To generate a mask for your case you should exploit the simple mathematical fact that if you add 1 to your mask (the mask having all its least significant bits set to 1 and the rest to 0), you get a value that is a power of 2.
So, if you generate the closest power of 2, then you can subtract 1 from it to get the mask.
Positive powers of 2 are easily generated with the left shift << operator in C.
Hence, 1 << n yields 2n. In binary it's 10...0 with n 0s.
(1 << n) - 1 will produce a mask with n lowest bits set to 1.
Now, you need to watch out for overflows in left shifts. In C (and in C++) you can't legally shift a variable left by as many bit positions as the variable has, so if ints are 32-bit, 1<<32 results in undefined behavior. Signed integer overflows should also be avoided, so you should use unsigned values, e.g. 1u << 31.

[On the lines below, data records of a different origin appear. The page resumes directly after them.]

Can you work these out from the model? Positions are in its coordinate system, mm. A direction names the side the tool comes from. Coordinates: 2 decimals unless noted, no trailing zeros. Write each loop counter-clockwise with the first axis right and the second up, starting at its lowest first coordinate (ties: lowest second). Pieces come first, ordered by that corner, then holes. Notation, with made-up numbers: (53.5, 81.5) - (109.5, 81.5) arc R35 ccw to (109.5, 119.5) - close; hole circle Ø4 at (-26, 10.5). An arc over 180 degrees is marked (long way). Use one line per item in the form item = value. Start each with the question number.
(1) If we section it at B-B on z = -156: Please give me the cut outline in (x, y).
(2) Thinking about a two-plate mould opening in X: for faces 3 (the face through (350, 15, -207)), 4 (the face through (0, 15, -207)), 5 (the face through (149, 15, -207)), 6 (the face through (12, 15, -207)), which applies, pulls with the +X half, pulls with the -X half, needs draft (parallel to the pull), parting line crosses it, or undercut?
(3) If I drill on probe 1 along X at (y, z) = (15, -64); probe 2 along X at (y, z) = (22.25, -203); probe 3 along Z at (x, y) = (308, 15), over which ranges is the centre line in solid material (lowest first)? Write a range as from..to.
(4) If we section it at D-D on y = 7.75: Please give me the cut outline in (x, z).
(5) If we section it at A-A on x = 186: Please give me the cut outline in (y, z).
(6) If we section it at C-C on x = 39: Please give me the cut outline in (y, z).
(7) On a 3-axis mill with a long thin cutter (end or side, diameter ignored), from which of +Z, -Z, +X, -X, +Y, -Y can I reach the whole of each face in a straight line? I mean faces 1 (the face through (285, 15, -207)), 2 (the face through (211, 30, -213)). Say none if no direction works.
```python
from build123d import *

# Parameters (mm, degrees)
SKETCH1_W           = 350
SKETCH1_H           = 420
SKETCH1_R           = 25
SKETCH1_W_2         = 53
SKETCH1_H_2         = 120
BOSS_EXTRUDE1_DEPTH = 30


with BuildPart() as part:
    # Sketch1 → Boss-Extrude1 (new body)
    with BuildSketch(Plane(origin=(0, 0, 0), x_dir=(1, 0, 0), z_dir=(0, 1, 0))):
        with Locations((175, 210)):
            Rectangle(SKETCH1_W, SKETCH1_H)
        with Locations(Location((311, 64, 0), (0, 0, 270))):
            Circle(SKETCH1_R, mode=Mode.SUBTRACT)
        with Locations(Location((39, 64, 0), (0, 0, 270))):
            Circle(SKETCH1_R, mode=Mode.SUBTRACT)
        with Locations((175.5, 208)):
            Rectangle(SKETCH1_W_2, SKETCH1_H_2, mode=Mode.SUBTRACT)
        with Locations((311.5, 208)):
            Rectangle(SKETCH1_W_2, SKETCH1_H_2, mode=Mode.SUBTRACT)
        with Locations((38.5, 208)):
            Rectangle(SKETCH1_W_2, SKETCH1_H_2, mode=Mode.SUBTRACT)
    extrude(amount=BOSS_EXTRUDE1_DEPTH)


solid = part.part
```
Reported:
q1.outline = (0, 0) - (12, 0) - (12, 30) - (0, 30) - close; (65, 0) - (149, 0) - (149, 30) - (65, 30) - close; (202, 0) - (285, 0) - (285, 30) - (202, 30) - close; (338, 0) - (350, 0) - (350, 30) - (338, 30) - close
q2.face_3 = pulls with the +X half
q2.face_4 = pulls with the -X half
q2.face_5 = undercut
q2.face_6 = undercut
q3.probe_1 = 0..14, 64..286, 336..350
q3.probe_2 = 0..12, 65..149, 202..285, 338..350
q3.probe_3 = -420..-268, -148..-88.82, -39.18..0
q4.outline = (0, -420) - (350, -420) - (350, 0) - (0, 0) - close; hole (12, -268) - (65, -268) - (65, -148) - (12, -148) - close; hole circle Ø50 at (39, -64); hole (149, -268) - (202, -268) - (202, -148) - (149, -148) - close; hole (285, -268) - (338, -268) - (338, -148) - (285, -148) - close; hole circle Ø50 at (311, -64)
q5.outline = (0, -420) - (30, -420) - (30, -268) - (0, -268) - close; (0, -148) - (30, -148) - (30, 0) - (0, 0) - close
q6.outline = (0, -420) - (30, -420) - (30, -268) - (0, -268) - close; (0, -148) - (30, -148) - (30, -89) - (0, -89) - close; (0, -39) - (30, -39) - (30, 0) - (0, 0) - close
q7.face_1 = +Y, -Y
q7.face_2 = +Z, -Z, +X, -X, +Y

For both correctness and performance, the best way to accomplish this has changed since this question was asked back in 2012 due to the advent of BMI instructions in modern x86 processors, specifically BLSMSK.
Here's a good way of approaching this problem, while retaining backwards compatibility with older processors.
This method is correct, whereas the current top answers produce undefined behavior in edge cases.
Clang and GCC, when allowed to optimize using BMI instructions, will condense gen_mask() to just two ops. With supporting hardware, be sure to add compiler flags for BMI instructions:
-mbmi -mbmi2
#include <inttypes.h>
#include <stdio.h>
uint64_t gen_mask(const uint_fast8_t msb) {
const uint64_t src = (uint64_t)1 << msb;
return (src - 1) ^ src;
}
int main() {
uint_fast8_t msb;
for (msb = 0; msb < 64; ++msb) {
printf("%016" PRIx64 "\n", gen_mask(msb));
}
return 0;
}
First, for those who only want the code to create the mask:
uint64_t bits = 6;
uint64_t mask = ((uint64_t)1 << bits) - 1;
# Results in 0b111111 (or 0x03F)
Thanks to #Benni who asked about using bits = 64. If you need the code to support this value as well, you can use:
uint64_t bits = 6;
uint64_t mask = (bits < 64)
? ((uint64_t)1 << bits) - 1
: (uint64_t)0 - 1
For those who want to know what a mask is:
A mask is usually a name for value that we use to manipulate other values using bitwise operations such as AND, OR, XOR, etc.
Short masks are usually represented in binary, where we can explicitly see all the bits that are set to 1.
Longer masks are usually represented in hexadecimal, that is really easy to read once you get a hold of it.
You can read more about bitwise operations in C here.
I believe your first example should be 0x3f.
0x3f is hexadecimal notation for the number 63 which is 111111 in binary, so that last 6 bits (the least significant 6 bits) are set to 1.
The following little C program will calculate the correct mask:
#include <stdarg.h>
#include <stdio.h>
int mask_for_n_bits(int n)
{
int mask = 0;
for (int i = 0; i < n; ++i)
mask |= 1 << i;
return mask;
}
int main (int argc, char const *argv[])
{
printf("6: 0x%x\n17: 0x%x\n", mask_for_n_bits(6), mask_for_n_bits(17));
return 0;
}
0x2F is 0010 1111 in binary - this should be 0x3f, which is 0011 1111 in binary and which has the 6 least-significant bits set.
Similarly, 0x1FFFF is 0001 1111 1111 1111 1111 in binary, which has the 17 least-significant bits set.
A "mask" is a value that is intended to be combined with another value using a bitwise operator like &, | or ^ to individually set, unset, flip or leave unchanged the bits in that other value.
For example, if you combine the mask 0x2F with some value n using the & operator, the result will have zeroes in all but the 6 least significant bits, and those 6 bits will be copied unchanged from the value n.
In the case of an & mask, a binary 0 in the mask means "unconditionally set the result bit to 0" and a 1 means "set the result bit to the input value bit". For an | mask, an 0 in the mask sets the result bit to the input bit and a 1 unconditionally sets the result bit to 1, and for an ^ mask, an 0 sets the result bit to the input bit and a 1 sets the result bit to the complement of the input bit.